KUBERNETES KUBECTL CHEATSHEET & DIAGNOSTICS

An offline-first search index of core Kubernetes orchestration commands, scaling parameters, service exposures, and debugging strategies.

Pod Management4 ENTRIES

kubectl get podsPod Management

List all pods in the current namespace with basic status, restarts count, and age.

SYNTAX:
kubectl get pods [flags]
EXAMPLE USAGE:
kubectl get pods -n kube-system
kubectl get pods -o wide
COMMON PITFALL:

Looking for pods in the default namespace when they are deployed in a specific namespace. Use -n <namespace> or -A to list all namespaces.

kubectl describe podPod Management

Show detailed state information of a specific pod, including lifecycle events, container states, and volumes.

SYNTAX:
kubectl describe pod <pod-name>
EXAMPLE USAGE:
kubectl describe pod my-web-app-7c569f-x12y
COMMON PITFALL:

Running kubectl describe when logs would be more useful for application errors. Describe is best for scheduling errors, ImagePullBackOff, or Evicted states.

kubectl logsPod Management

Print the logs for a container in a pod. Useful for troubleshooting startup or application run errors.

SYNTAX:
kubectl logs <pod-name> [-c <container-name>]
EXAMPLE USAGE:
kubectl logs my-web-app-7c569f-x12y -f --tail 100
COMMON PITFALL:

Forgetting to specify the container name using -c if the pod has multiple containers (e.g. sidecars or initContainers).

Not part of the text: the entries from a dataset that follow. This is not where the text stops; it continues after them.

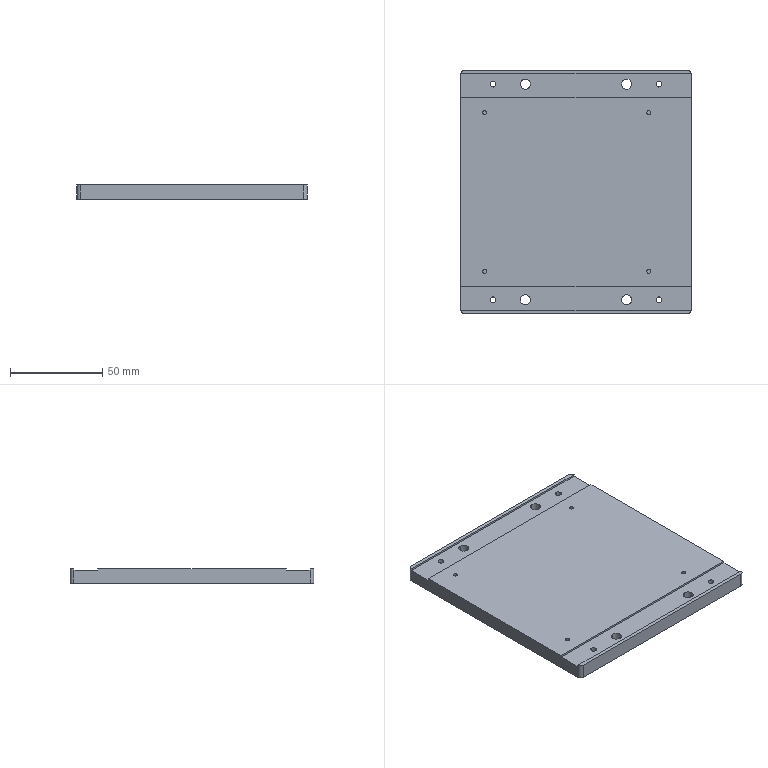CAM job | Mastercam | mm | 9 operations | part box 125 x 132 x 8
1. Facing | 20 - 63 平铣刀
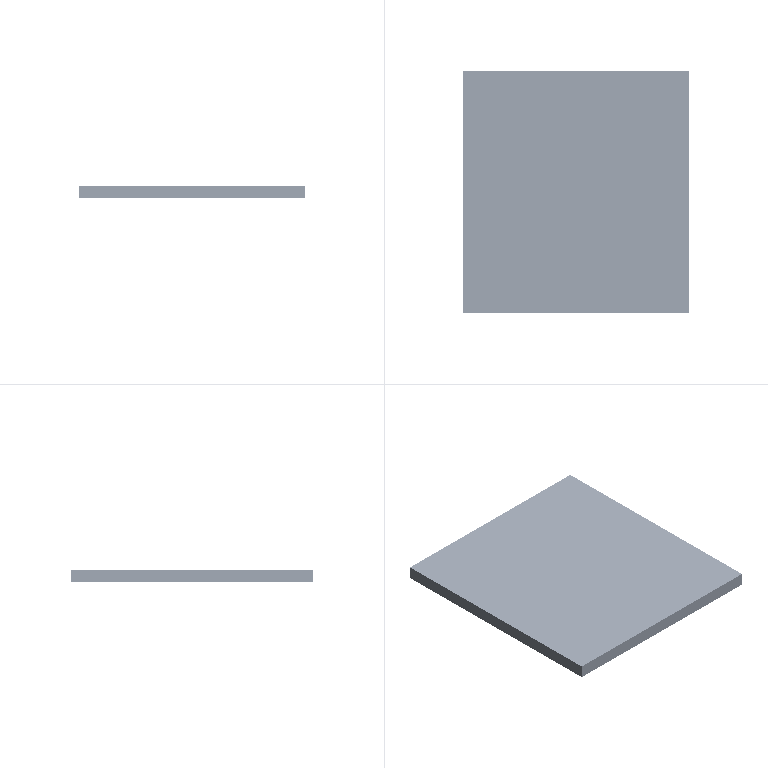2. 2D High Speed (2D Dynamic Mill) | 10 - 10 平铣刀
3. Contour (2D) | 10 - 10 平铣刀
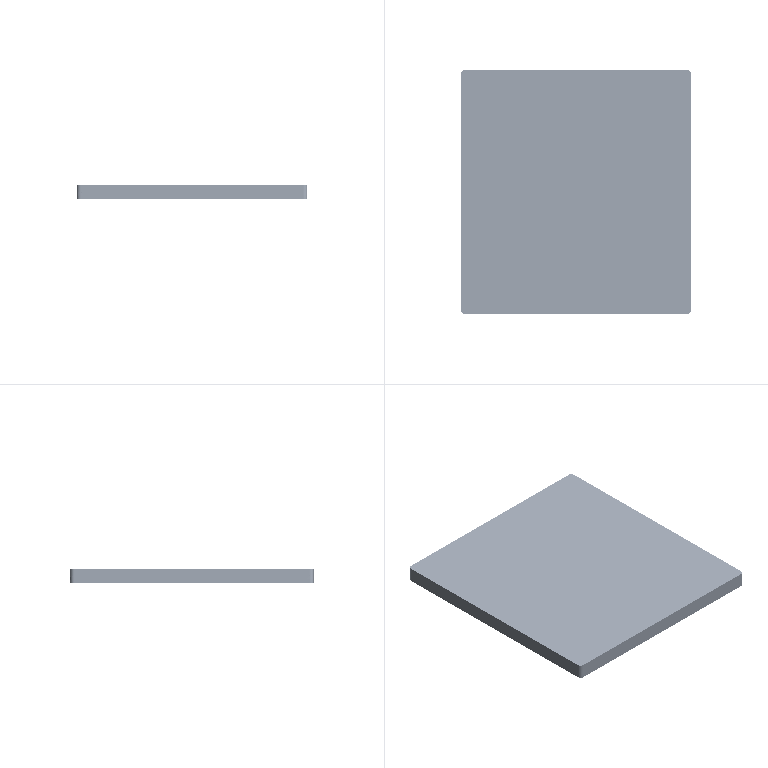4. Contour (2D chamfer) | 7 - 4 倒角刀
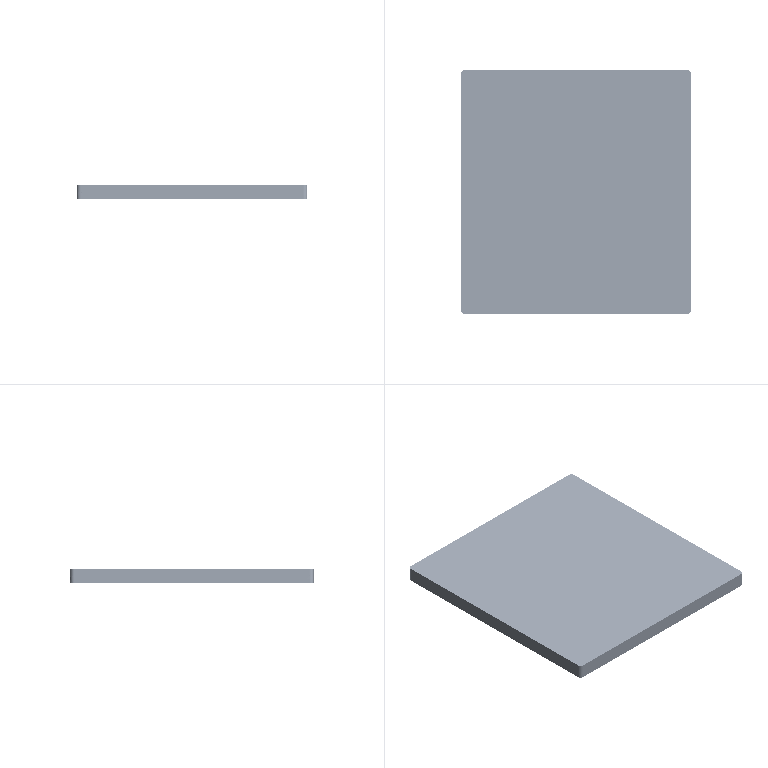5. Facing | 20 - 63 平铣刀
6. Contour (Ramp) | 10 - 10 平铣刀
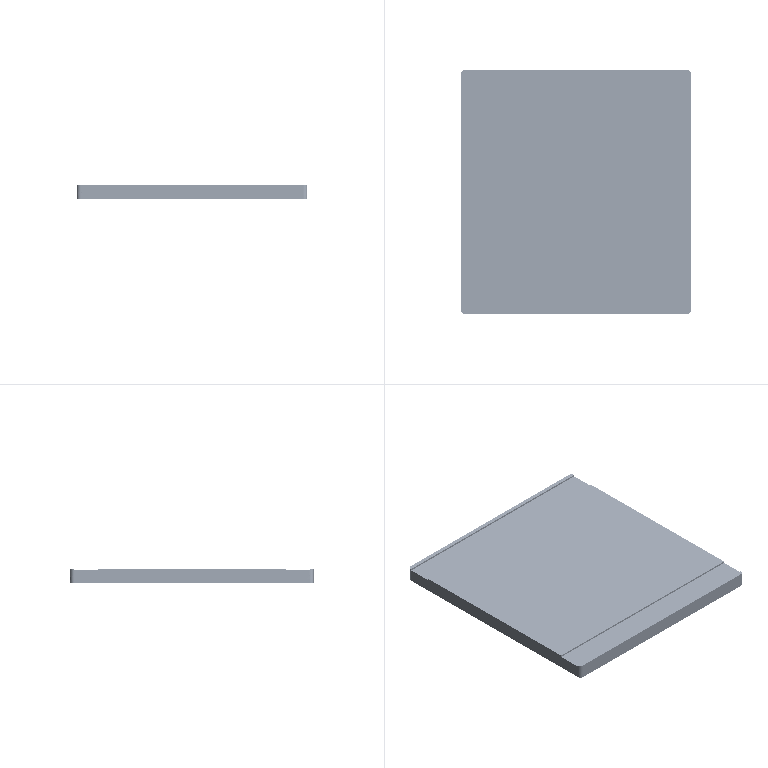7. Contour (2D) | 10 - 10 平铣刀
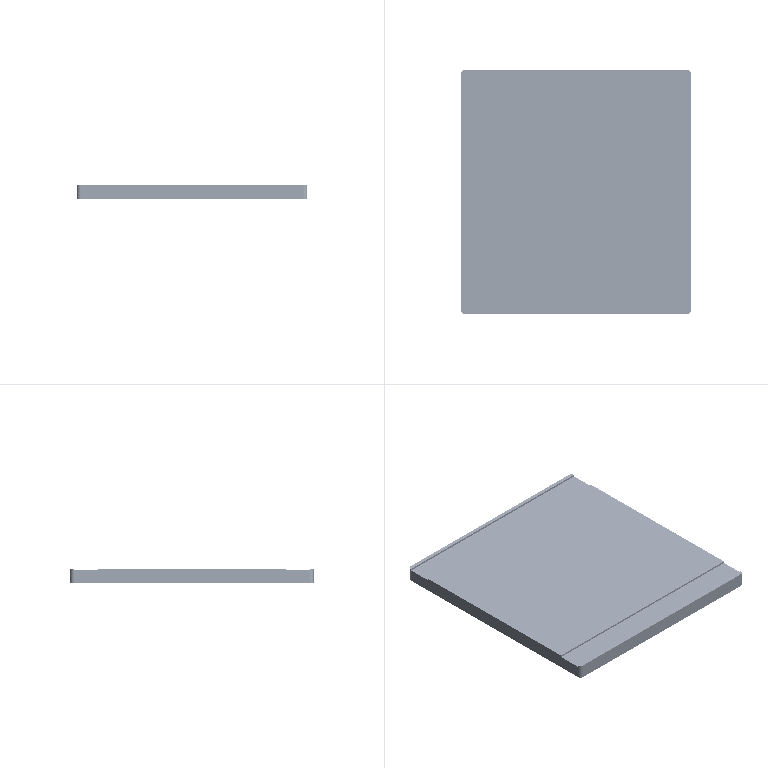8. Drill/Counterbore | 7 - 4 倒角刀
9. Contour (2D chamfer) | 7 - 4 倒角刀

kubectl execPod Management

Execute a command inside a running container of a pod. Often used to open an interactive bash/sh shell.

SYNTAX:
kubectl exec -it <pod-name> [-c <container-name>] -- <command>
EXAMPLE USAGE:
kubectl exec -it my-web-app-7c569f-x12y -- /bin/sh
COMMON PITFALL:

Forgetting the double-dash '--' separator before the command, which causes kubectl to parse shell flags incorrectly.

Deployments & Scaling3 ENTRIES

kubectl scaleDeployments & Scaling

Set a new size for a deployment, replica set, or stateful set. Increases or decreases container instances.

SYNTAX:
kubectl scale --replicas=<count> deployment/<deployment-name>
EXAMPLE USAGE:
kubectl scale --replicas=5 deployment/api-server
COMMON PITFALL:

Manually scaling replicas for resources managed by a HorizontalPodAutoscaler (HPA), as HPA will overwrite your scaling adjustments immediately.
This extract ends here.